5
votes

this is my first question ever here I hope I am doing this right,

I was working on titanic dataset which is popular on kaggle, this tutarial if u wanna check A Data Science Framework: To Achieve 99% Accuracy

the part 5.2, it teaches how to gridsearch and tune hyper-parameters. let me share related codes with you before I get spesific on my question;

this is tuning the model with GridSearchCV:

cv_split = model_selection.ShuffleSplit(n_splits = 10, test_size = .3, train_size = .6, random_state = 0)
#cv_split = model_selection.KFold(n_splits=10, shuffle=False, random_state=None)

param_grid = {'criterion': ['gini', 'entropy'],
'splitter': ['best', 'random'], #splitting methodology; two supported strategies - default is best
'max_depth': [2,4,6,8,10,None], #max depth tree can grow; default is none
'min_samples_split': [2,5,10,.03,.05], #minimum subset size BEFORE new split (fraction is % of total); default is 2
'min_samples_leaf': [1,5,10,.03,.05], #minimum subset size AFTER new split split (fraction is % of total); default is 1
'max_features': [None, 'auto'], #max features to consider when performing split; default none or all
'random_state': [0] }

tune_model = model_selection.GridSearchCV(tree.DecisionTreeClassifier(), param_grid=param_grid, scoring = 'roc_auc', return_train_score = True ,cv = cv_split)
tune_model.fit(data1[data1_x_bin], data1[Target])`

    tune_model.best_params_

result is: 

    {'criterion': 'gini',
     'max_depth': 4,
     'max_features': None,
     'min_samples_leaf': 5,
     'min_samples_split': 2,
     'random_state': 0,
     'splitter': 'best'}

and acording to code, training and test accuracy sopposed to be like that when tuned with those:

print(tune_model.cv_results_['mean_train_score'][tune_model.best_index_], tune_model.cv_results_['mean_test_score'][tune_model.best_index_])

output of this: 0.8924916598172832 0.8767742588186237

out of curiousity, I wanted to make my own DecisionTreeClassifier() with parameters I got from GridSearchCV,

dtree = tree.DecisionTreeClassifier(criterion = 'gini',max_depth = 4,max_features= None, min_samples_leaf= 5, min_samples_split= 2,random_state = 0,  splitter ='best')

results = model_selection.cross_validate(dtree, data1[data1_x_bin],  data1[Target],return_train_score = True, cv  = cv_split)

Same hyperparameters, same cross validation dataframes, different results. Why?

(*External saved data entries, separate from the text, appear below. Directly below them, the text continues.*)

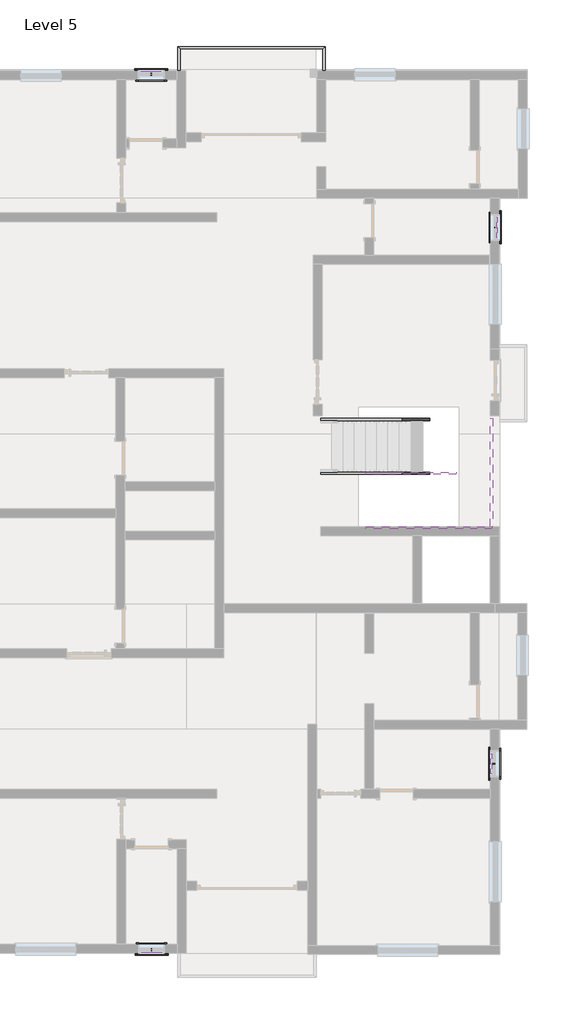
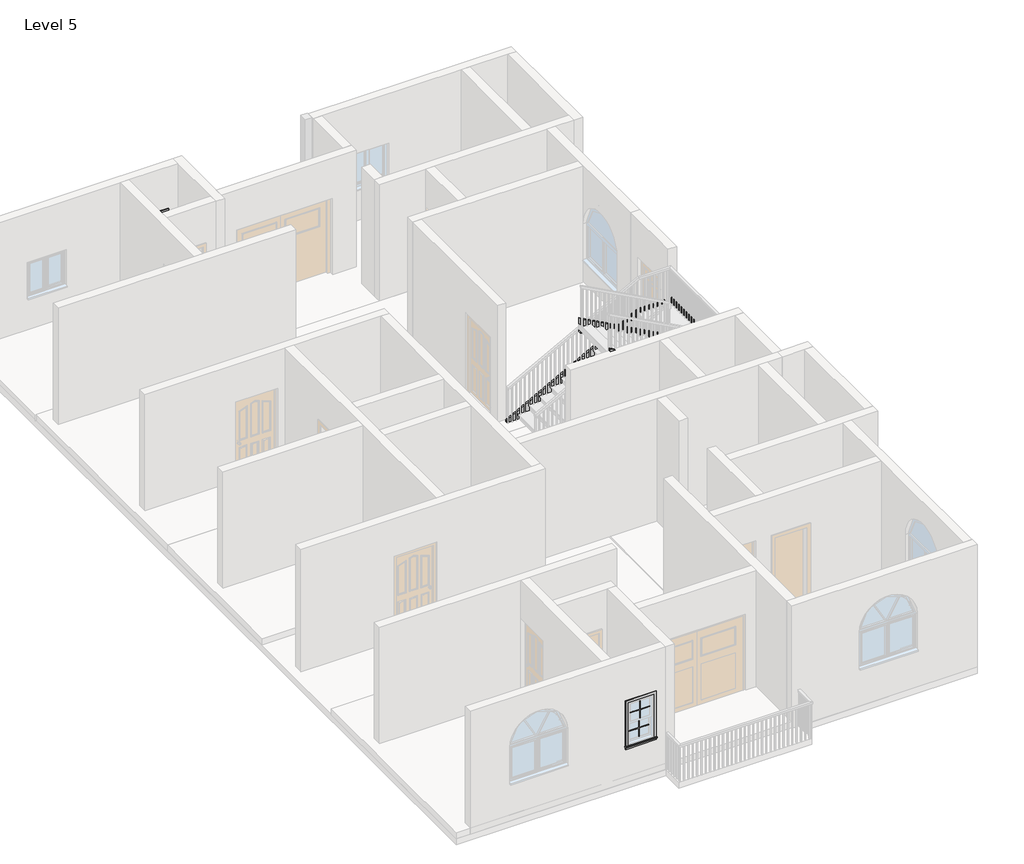
# One storey, part 7 of 7: 16 proxies, 5 members, 1 railing.
"""IFC4 building model written with IfcOpenShell, lengths in millimetres."""

from ifc_helpers import new_model, si_unit, frame, origin, place, context, project, spatial, polyline, outline, extrude, faceted_brep, transform, mapped, element, save
from components import muntin_pattern_2x2_muntin_pattern_2x2_eba6c5fb, trim_window_exterior_flat_with_sill_278e6a94, trim_window_interior_flat_picture_frame_e9fd5f45

model = new_model("IFC4")

# Units and contexts
model_context = context("Model", 3, world=origin())
ifc_project = project(units=[si_unit("LENGTHUNIT", "METRE", prefix="MILLI")], contexts=[model_context])

# Site, building, storey
site = spatial("IfcSite", under=ifc_project)
building = spatial("IfcBuilding", under=site)
storey = spatial("IfcBuildingStorey", under=building, Name="Level 5", Elevation=12192.0)

# Proxies
placement = place(None, origin())
muntin_pattern_2x2_muntin_pattern_2x2_shape = muntin_pattern_2x2_muntin_pattern_2x2_eba6c5fb(model_context)
element("IfcBuildingElementProxy", 1, Name="Muntin Pattern_2x2 : Muntin Pattern_2x2", ObjectType="Muntin Pattern_2x2 : Muntin Pattern_2x2", at=placement, inside=storey, context=model_context, shape_type="MappedRepresentation", body=[
    mapped(muntin_pattern_2x2_muntin_pattern_2x2_shape, transform((5828.2640963, 5846.2962251, 13662.025), x_axis=(0.0, -1.0, 0.0), y_axis=(1.0, 0.0, 0.0), z_axis=(0.0, 0.0, 1.0))),
])
element("IfcBuildingElementProxy", 2, Name="Muntin Pattern_2x2 : Muntin Pattern_2x2", ObjectType="Muntin Pattern_2x2 : Muntin Pattern_2x2", at=placement, inside=storey, context=model_context, shape_type="MappedRepresentation", body=[
    mapped(muntin_pattern_2x2_muntin_pattern_2x2_shape, transform((5783.8140963, 5846.2962251, 13182.6), x_axis=(0.0, -1.0, 0.0), y_axis=(1.0, 0.0, 0.0), z_axis=(0.0, 0.0, 1.0))),
])
element("IfcBuildingElementProxy", 3, Name="Muntin Pattern_2x2 : Muntin Pattern_2x2", ObjectType="Muntin Pattern_2x2 : Muntin Pattern_2x2", at=placement, inside=storey, context=model_context, shape_type="MappedRepresentation", body=[
    mapped(muntin_pattern_2x2_muntin_pattern_2x2_shape, transform((5694.9140963, -6313.9537749, 13662.025), x_axis=(0.0, 1.0, 0.0), y_axis=(-1.0, 0.0, 0.0), z_axis=(0.0, 0.0, 1.0))),
])
element("IfcBuildingElementProxy", 4, Name="Muntin Pattern_2x2 : Muntin Pattern_2x2", ObjectType="Muntin Pattern_2x2 : Muntin Pattern_2x2", at=placement, inside=storey, context=model_context, shape_type="MappedRepresentation", body=[
    mapped(muntin_pattern_2x2_muntin_pattern_2x2_shape, transform((5739.3640963, -6313.9537749, 13182.6), x_axis=(0.0, 1.0, 0.0), y_axis=(-1.0, 0.0, 0.0), z_axis=(0.0, 0.0, 1.0))),
])
element("IfcBuildingElementProxy", 5, Name="Muntin Pattern_2x2 : Muntin Pattern_2x2", ObjectType="Muntin Pattern_2x2 : Muntin Pattern_2x2", at=placement, inside=storey, context=model_context, shape_type="MappedRepresentation", body=[
    mapped(muntin_pattern_2x2_muntin_pattern_2x2_shape, transform((-2029.8609037, 9366.9277313, 13662.025), x_axis=(1.0, 0.0, 0.0), y_axis=(0.0, 1.0, 0.0), z_axis=(0.0, 0.0, 1.0))),
])
element("IfcBuildingElementProxy", 6, Name="Muntin Pattern_2x2 : Muntin Pattern_2x2", ObjectType="Muntin Pattern_2x2 : Muntin Pattern_2x2", at=placement, inside=storey, context=model_context, shape_type="MappedRepresentation", body=[
    mapped(muntin_pattern_2x2_muntin_pattern_2x2_shape, transform((-2029.8609037, 9322.4777313, 13182.6), x_axis=(1.0, 0.0, 0.0), y_axis=(0.0, 1.0, 0.0), z_axis=(0.0, 0.0, 1.0))),
])
element("IfcBuildingElementProxy", 7, Name="Muntin Pattern_2x2 : Muntin Pattern_2x2", ObjectType="Muntin Pattern_2x2 : Muntin Pattern_2x2", at=placement, inside=storey, context=model_context, shape_type="MappedRepresentation", body=[
    mapped(muntin_pattern_2x2_muntin_pattern_2x2_shape, transform((-2023.5109037, -10577.9787749, 13662.025), x_axis=(-1.0, 0.0, 0.0), y_axis=(0.0, -1.0, 0.0), z_axis=(0.0, 0.0, 1.0))),
])
element("IfcBuildingElementProxy", 8, Name="Muntin Pattern_2x2 : Muntin Pattern_2x2", ObjectType="Muntin Pattern_2x2 : Muntin Pattern_2x2", at=placement, inside=storey, context=model_context, shape_type="MappedRepresentation", body=[
    mapped(muntin_pattern_2x2_muntin_pattern_2x2_shape, transform((-2023.5109037, -10533.5287749, 13182.6), x_axis=(-1.0, 0.0, 0.0), y_axis=(0.0, -1.0, 0.0), z_axis=(0.0, 0.0, 1.0))),
])
trim_window_exterior_flat_with_sill_shape = trim_window_exterior_flat_with_sill_278e6a94(model_context)
element("IfcBuildingElementProxy", 9, Name="Trim-Window-Exterior-Flat : with Sill", ObjectType="Trim-Window-Exterior-Flat : with Sill", at=placement, inside=storey, context=model_context, shape_type="MappedRepresentation", body=[
    mapped(trim_window_exterior_flat_with_sill_shape, transform((5863.1890963, 5846.2962251, 14173.2), x_axis=(0.0, 1.0, 0.0), y_axis=(0.0, 0.0, 1.0), z_axis=(1.0, 0.0, 0.0))),
])
element("IfcBuildingElementProxy", 10, Name="Trim-Window-Exterior-Flat : with Sill", ObjectType="Trim-Window-Exterior-Flat : with Sill", at=placement, inside=storey, context=model_context, shape_type="MappedRepresentation", body=[
    mapped(trim_window_exterior_flat_with_sill_shape, transform((5659.9890963, -6313.9537749, 14173.2), x_axis=(0.0, -1.0, 0.0), y_axis=(0.0, 0.0, 1.0), z_axis=(-1.0, 0.0, 0.0))),
])
element("IfcBuildingElementProxy", 11, Name="Trim-Window-Exterior-Flat : with Sill", ObjectType="Trim-Window-Exterior-Flat : with Sill", at=placement, inside=storey, context=model_context, shape_type="MappedRepresentation", body=[
    mapped(trim_window_exterior_flat_with_sill_shape, transform((-2029.8609037, 9401.8527313, 14173.2), x_axis=(-1.0, 0.0, 0.0), y_axis=(0.0, 0.0, 1.0), z_axis=(0.0, 1.0, 0.0))),
])
element("IfcBuildingElementProxy", 12, Name="Trim-Window-Exterior-Flat : with Sill", ObjectType="Trim-Window-Exterior-Flat : with Sill", at=placement, inside=storey, context=model_context, shape_type="MappedRepresentation", body=[
    mapped(trim_window_exterior_flat_with_sill_shape, transform((-2023.5109037, -10612.9037749, 14173.2), x_axis=(1.0, 0.0, 0.0), y_axis=(0.0, 0.0, 1.0), z_axis=(0.0, -1.0, 0.0))),
])
trim_window_interior_flat_picture_frame_shape = trim_window_interior_flat_picture_frame_e9fd5f45(model_context)
element("IfcBuildingElementProxy", 13, Name="Trim-Window-Interior-Flat : Picture Frame", ObjectType="Trim-Window-Interior-Flat : Picture Frame", at=placement, inside=storey, context=model_context, shape_type="MappedRepresentation", body=[
    mapped(trim_window_interior_flat_picture_frame_shape, transform((5659.9890963, 5846.2962251, 14173.2), x_axis=(0.0, -1.0, 0.0), y_axis=(0.0, 0.0, 1.0), z_axis=(-1.0, 0.0, 0.0))),
])
element("IfcBuildingElementProxy", 14, Name="Trim-Window-Interior-Flat : Picture Frame", ObjectType="Trim-Window-Interior-Flat : Picture Frame", at=placement, inside=storey, context=model_context, shape_type="MappedRepresentation", body=[
    mapped(trim_window_interior_flat_picture_frame_shape, transform((5863.1890963, -6313.9537749, 14173.2), x_axis=(0.0, 1.0, 0.0), y_axis=(0.0, 0.0, 1.0), z_axis=(1.0, 0.0, 0.0))),
])
element("IfcBuildingElementProxy", 15, Name="Trim-Window-Interior-Flat : Picture Frame", ObjectType="Trim-Window-Interior-Flat : Picture Frame", at=placement, inside=storey, context=model_context, shape_type="MappedRepresentation", body=[
    mapped(trim_window_interior_flat_picture_frame_shape, transform((-2029.8609037, 9198.6527313, 14173.2), x_axis=(1.0, 0.0, 0.0), y_axis=(0.0, 0.0, 1.0), z_axis=(0.0, -1.0, 0.0))),
])
element("IfcBuildingElementProxy", 16, Name="Trim-Window-Interior-Flat : Picture Frame", ObjectType="Trim-Window-Interior-Flat : Picture Frame", at=placement, inside=storey, context=model_context, shape_type="MappedRepresentation", body=[
    mapped(trim_window_interior_flat_picture_frame_shape, transform((-2023.5109037, -10409.7037749, 14173.2), x_axis=(-1.0, 0.0, 0.0), y_axis=(0.0, 0.0, 1.0), z_axis=(0.0, 1.0, 0.0))),
])

# Members
element("IfcMember", 17, ObjectType="Stringer - 2\" Width", at=placement, inside=storey, context=model_context, shape_type="SweptSolid", body=[
    extrude(outline(polyline([(12399.4423129, 1811.8890963), (12192.0, 1811.8890963), (12192.0, 2068.9379367), (14069.2909091, 5536.6829612), (14069.2909091, 4896.4452154), (12399.4423129, 1811.8890963)])), frame((0.0, 1464.7962251, 0.0), z_axis=(0.0, 1.0, 0.0), x_axis=(0.0, 0.0, 1.0)), (0.0, 0.0, 1.0), 50.8),
])
element("IfcMember", 18, ObjectType="Stringer - 2\" Width", at=placement, inside=storey, context=model_context, shape_type="SweptSolid", body=[
    extrude(outline(polyline([(5659.9890963, 1515.5962251), (5710.7890963, 1515.5962251), (5710.7890963, -935.5037749), (5659.9890963, -935.5037749), (5659.9890963, 1515.5962251)])), frame((0.0, 0.0, 13764.4909091), z_axis=(0.0, 0.0, 1.0), x_axis=(1.0, 0.0, 0.0)), (0.0, 0.0, 1.0), 304.8),
])
element("IfcMember", 19, ObjectType="Stringer - 2\" Width", at=placement, inside=storey, context=model_context, shape_type="SweptSolid", body=[
    extrude(outline(polyline([(13764.4909091, 5687.6636359), (15306.0362324, 2827.8890963), (14959.7736638, 2827.8890963), (13764.4909091, 5045.2998579), (13764.4909091, 5687.6636359)])), frame((0.0, -986.3037749, 0.0), z_axis=(0.0, 1.0, 0.0), x_axis=(0.0, 0.0, 1.0)), (0.0, 0.0, 1.0), 50.8),
])
element("IfcMember", 20, ObjectType="Stringer - 2\" Width", at=placement, inside=storey, context=model_context, shape_type="SweptSolid", body=[
    extrude(outline(polyline([(12399.4423129, 1811.8890963), (12192.0, 1811.8890963), (12192.0, 2068.9379367), (13686.8485088, 4830.2326586), (14033.4462232, 4830.2326586), (12399.4423129, 1811.8890963)])), frame((0.0, 245.5962251, 0.0), z_axis=(0.0, 1.0, 0.0), x_axis=(0.0, 0.0, 1.0)), (0.0, 0.0, 1.0), 50.8),
])
element("IfcMember", 21, ObjectType="Stringer - 2\" Width", at=placement, inside=storey, context=model_context, shape_type="SweptSolid", body=[
    extrude(outline(polyline([(13853.0382157, 4881.0326586), (14199.3007843, 4881.0326586), (15306.0362324, 2827.8890963), (14959.7736638, 2827.8890963), (13853.0382157, 4881.0326586)])), frame((0.0, 245.5962251, 0.0), z_axis=(0.0, 1.0, 0.0), x_axis=(0.0, 0.0, 1.0)), (0.0, 0.0, 1.0), 50.8),
])

# Railing
element("IfcRailing", 22, ObjectType="Handrail - Rectangular", at=placement, inside=storey, context=model_context, shape_type="SolidModel", body=[
    faceted_brep([(-1426.6109037, 9402.2962251, 13106.4), (-1426.6109037, 9402.2962251, 13055.6), (-1375.8109037, 9402.2962251, 13055.6), (-1375.8109037, 9402.2962251, 13106.4), (-1426.6109037, 9948.3962251, 13106.4), (-1426.6109037, 9948.3962251, 13055.6), (-1375.8109037, 9897.5962251, 13055.6), (-1375.8109037, 9897.5962251, 13106.4), (1913.4890963, 9948.3962251, 13106.4), (1913.4890963, 9948.3962251, 13055.6), (1862.6890963, 9897.5962251, 13055.6), (1862.6890963, 9897.5962251, 13106.4), (1913.4890963, 9402.2962251, 13106.4), (1862.6890963, 9402.2962251, 13106.4), (1862.6890963, 9402.2962251, 13055.6), (1913.4890963, 9402.2962251, 13055.6)], [[[0, 1, 2, 3]], [[1, 0, 4, 5]], [[2, 1, 5, 6]], [[3, 2, 6, 7]], [[0, 3, 7, 4]], [[5, 4, 8, 9]], [[6, 5, 9, 10]], [[7, 6, 10, 11]], [[4, 7, 11, 8]], [[12, 13, 14, 15]], [[9, 8, 12, 15]], [[10, 9, 15, 14]], [[11, 10, 14, 13]], [[8, 11, 13, 12]]]),
    extrude(outline(polyline([(1878.5640963, 9424.5212251), (1897.6140963, 9424.5212251), (1897.6140963, 9405.4712251), (1878.5640963, 9405.4712251), (1878.5640963, 9424.5212251)])), frame((0.0, 0.0, 12192.0), z_axis=(0.0, 0.0, 1.0), x_axis=(1.0, 0.0, 0.0)), (0.0, 0.0, 1.0), 863.6),
    extrude(outline(polyline([(1878.5640963, 9526.1212251), (1897.6140963, 9526.1212251), (1897.6140963, 9507.0712251), (1878.5640963, 9507.0712251), (1878.5640963, 9526.1212251)])), frame((0.0, 0.0, 12192.0), z_axis=(0.0, 0.0, 1.0), x_axis=(1.0, 0.0, 0.0)), (0.0, 0.0, 1.0), 863.6),
    extrude(outline(polyline([(1878.5640963, 9627.7212251), (1897.6140963, 9627.7212251), (1897.6140963, 9608.6712251), (1878.5640963, 9608.6712251), (1878.5640963, 9627.7212251)])), frame((0.0, 0.0, 12192.0), z_axis=(0.0, 0.0, 1.0), x_axis=(1.0, 0.0, 0.0)), (0.0, 0.0, 1.0), 863.6),
    extrude(outline(polyline([(1878.5640963, 9729.3212251), (1897.6140963, 9729.3212251), (1897.6140963, 9710.2712251), (1878.5640963, 9710.2712251), (1878.5640963, 9729.3212251)])), frame((0.0, 0.0, 12192.0), z_axis=(0.0, 0.0, 1.0), x_axis=(1.0, 0.0, 0.0)), (0.0, 0.0, 1.0), 863.6),
    extrude(outline(polyline([(1878.5640963, 9830.9212251), (1897.6140963, 9830.9212251), (1897.6140963, 9811.8712251), (1878.5640963, 9811.8712251), (1878.5640963, 9830.9212251)])), frame((0.0, 0.0, 12192.0), z_axis=(0.0, 0.0, 1.0), x_axis=(1.0, 0.0, 0.0)), (0.0, 0.0, 1.0), 863.6),
    extrude(outline(polyline([(1840.4640963, 9913.4712251), (1840.4640963, 9932.5212251), (1859.5140963, 9932.5212251), (1859.5140963, 9913.4712251), (1840.4640963, 9913.4712251)])), frame((0.0, 0.0, 12192.0), z_axis=(0.0, 0.0, 1.0), x_axis=(1.0, 0.0, 0.0)), (0.0, 0.0, 1.0), 863.6),
    extrude(outline(polyline([(1738.8640963, 9913.4712251), (1738.8640963, 9932.5212251), (1757.9140963, 9932.5212251), (1757.9140963, 9913.4712251), (1738.8640963, 9913.4712251)])), frame((0.0, 0.0, 12192.0), z_axis=(0.0, 0.0, 1.0), x_axis=(1.0, 0.0, 0.0)), (0.0, 0.0, 1.0), 863.6),
    extrude(outline(polyline([(1637.2640963, 9913.4712251), (1637.2640963, 9932.5212251), (1656.3140963, 9932.5212251), (1656.3140963, 9913.4712251), (1637.2640963, 9913.4712251)])), frame((0.0, 0.0, 12192.0), z_axis=(0.0, 0.0, 1.0), x_axis=(1.0, 0.0, 0.0)), (0.0, 0.0, 1.0), 863.6),
    extrude(outline(polyline([(1535.6640963, 9913.4712251), (1535.6640963, 9932.5212251), (1554.7140963, 9932.5212251), (1554.7140963, 9913.4712251), (1535.6640963, 9913.4712251)])), frame((0.0, 0.0, 12192.0), z_axis=(0.0, 0.0, 1.0), x_axis=(1.0, 0.0, 0.0)), (0.0, 0.0, 1.0), 863.6),
    extrude(outline(polyline([(1434.0640963, 9913.4712251), (1434.0640963, 9932.5212251), (1453.1140963, 9932.5212251), (1453.1140963, 9913.4712251), (1434.0640963, 9913.4712251)])), frame((0.0, 0.0, 12192.0), z_axis=(0.0, 0.0, 1.0), x_axis=(1.0, 0.0, 0.0)), (0.0, 0.0, 1.0), 863.6),
    extrude(outline(polyline([(1332.4640963, 9913.4712251), (1332.4640963, 9932.5212251), (1351.5140963, 9932.5212251), (1351.5140963, 9913.4712251), (1332.4640963, 9913.4712251)])), frame((0.0, 0.0, 12192.0), z_axis=(0.0, 0.0, 1.0), x_axis=(1.0, 0.0, 0.0)), (0.0, 0.0, 1.0), 863.6),
    extrude(outline(polyline([(1230.8640963, 9913.4712251), (1230.8640963, 9932.5212251), (1249.9140963, 9932.5212251), (1249.9140963, 9913.4712251), (1230.8640963, 9913.4712251)])), frame((0.0, 0.0, 12192.0), z_axis=(0.0, 0.0, 1.0), x_axis=(1.0, 0.0, 0.0)), (0.0, 0.0, 1.0), 863.6),
    extrude(outline(polyline([(1129.2640963, 9913.4712251), (1129.2640963, 9932.5212251), (1148.3140963, 9932.5212251), (1148.3140963, 9913.4712251), (1129.2640963, 9913.4712251)])), frame((0.0, 0.0, 12192.0), z_axis=(0.0, 0.0, 1.0), x_axis=(1.0, 0.0, 0.0)), (0.0, 0.0, 1.0), 863.6),
    extrude(outline(polyline([(1027.6640963, 9913.4712251), (1027.6640963, 9932.5212251), (1046.7140963, 9932.5212251), (1046.7140963, 9913.4712251), (1027.6640963, 9913.4712251)])), frame((0.0, 0.0, 12192.0), z_axis=(0.0, 0.0, 1.0), x_axis=(1.0, 0.0, 0.0)), (0.0, 0.0, 1.0), 863.6),
    extrude(outline(polyline([(926.0640963, 9913.4712251), (926.0640963, 9932.5212251), (945.1140963, 9932.5212251), (945.1140963, 9913.4712251), (926.0640963, 9913.4712251)])), frame((0.0, 0.0, 12192.0), z_axis=(0.0, 0.0, 1.0), x_axis=(1.0, 0.0, 0.0)), (0.0, 0.0, 1.0), 863.6),
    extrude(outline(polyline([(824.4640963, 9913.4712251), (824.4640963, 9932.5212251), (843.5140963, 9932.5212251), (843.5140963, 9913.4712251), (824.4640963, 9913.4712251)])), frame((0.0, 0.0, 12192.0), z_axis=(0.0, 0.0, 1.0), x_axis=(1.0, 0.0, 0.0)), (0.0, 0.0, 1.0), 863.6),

print(results['train_score'].mean(), results['test_score'].mean())

0.8387640449438202 0.8227611940298509

that one was tune_model results:

0.8924916598172832 0.8767742588186237

difference is not even small. Both results should be same if u ask me,

I don'T understand what is different? what is different so results are different?

I tried cross validating with k-fold instead of shufflesplit,

in both scenarios I tried with different random_state values, tried also random_state = None,

still different results.

can someone explain the difference please?

edit: btw, I also wanted to check test sample results:

dtree.fit(data1[data1_x_bin],data1[Target])
dtree.score(test1_x_bin,test1_y), tune_model.score(test1_x_bin,test1_y)

output: (0.8295964125560538, 0.9033059266872216)

same models(decisiontreeclassifier), same hyper-parameters, very different results

( obviously they are not same models but I can't see how and why )

1

1 Answers

4
votes

Update

By default cross_validate uses the estimators score method as default to evaluate its performance (you can change that by specifiying the scoring kw argument of cross validate). The score method of the DecisionTreeClassifier class uses accuracy as its score metric. Within the GridSearchCV roc_auc is used as the score metric. Using the same score metric in both cases results in identical scores. E.g. if the score metric of cross_validate ist changed to roc_aucthe score difference you observed between models vanishes.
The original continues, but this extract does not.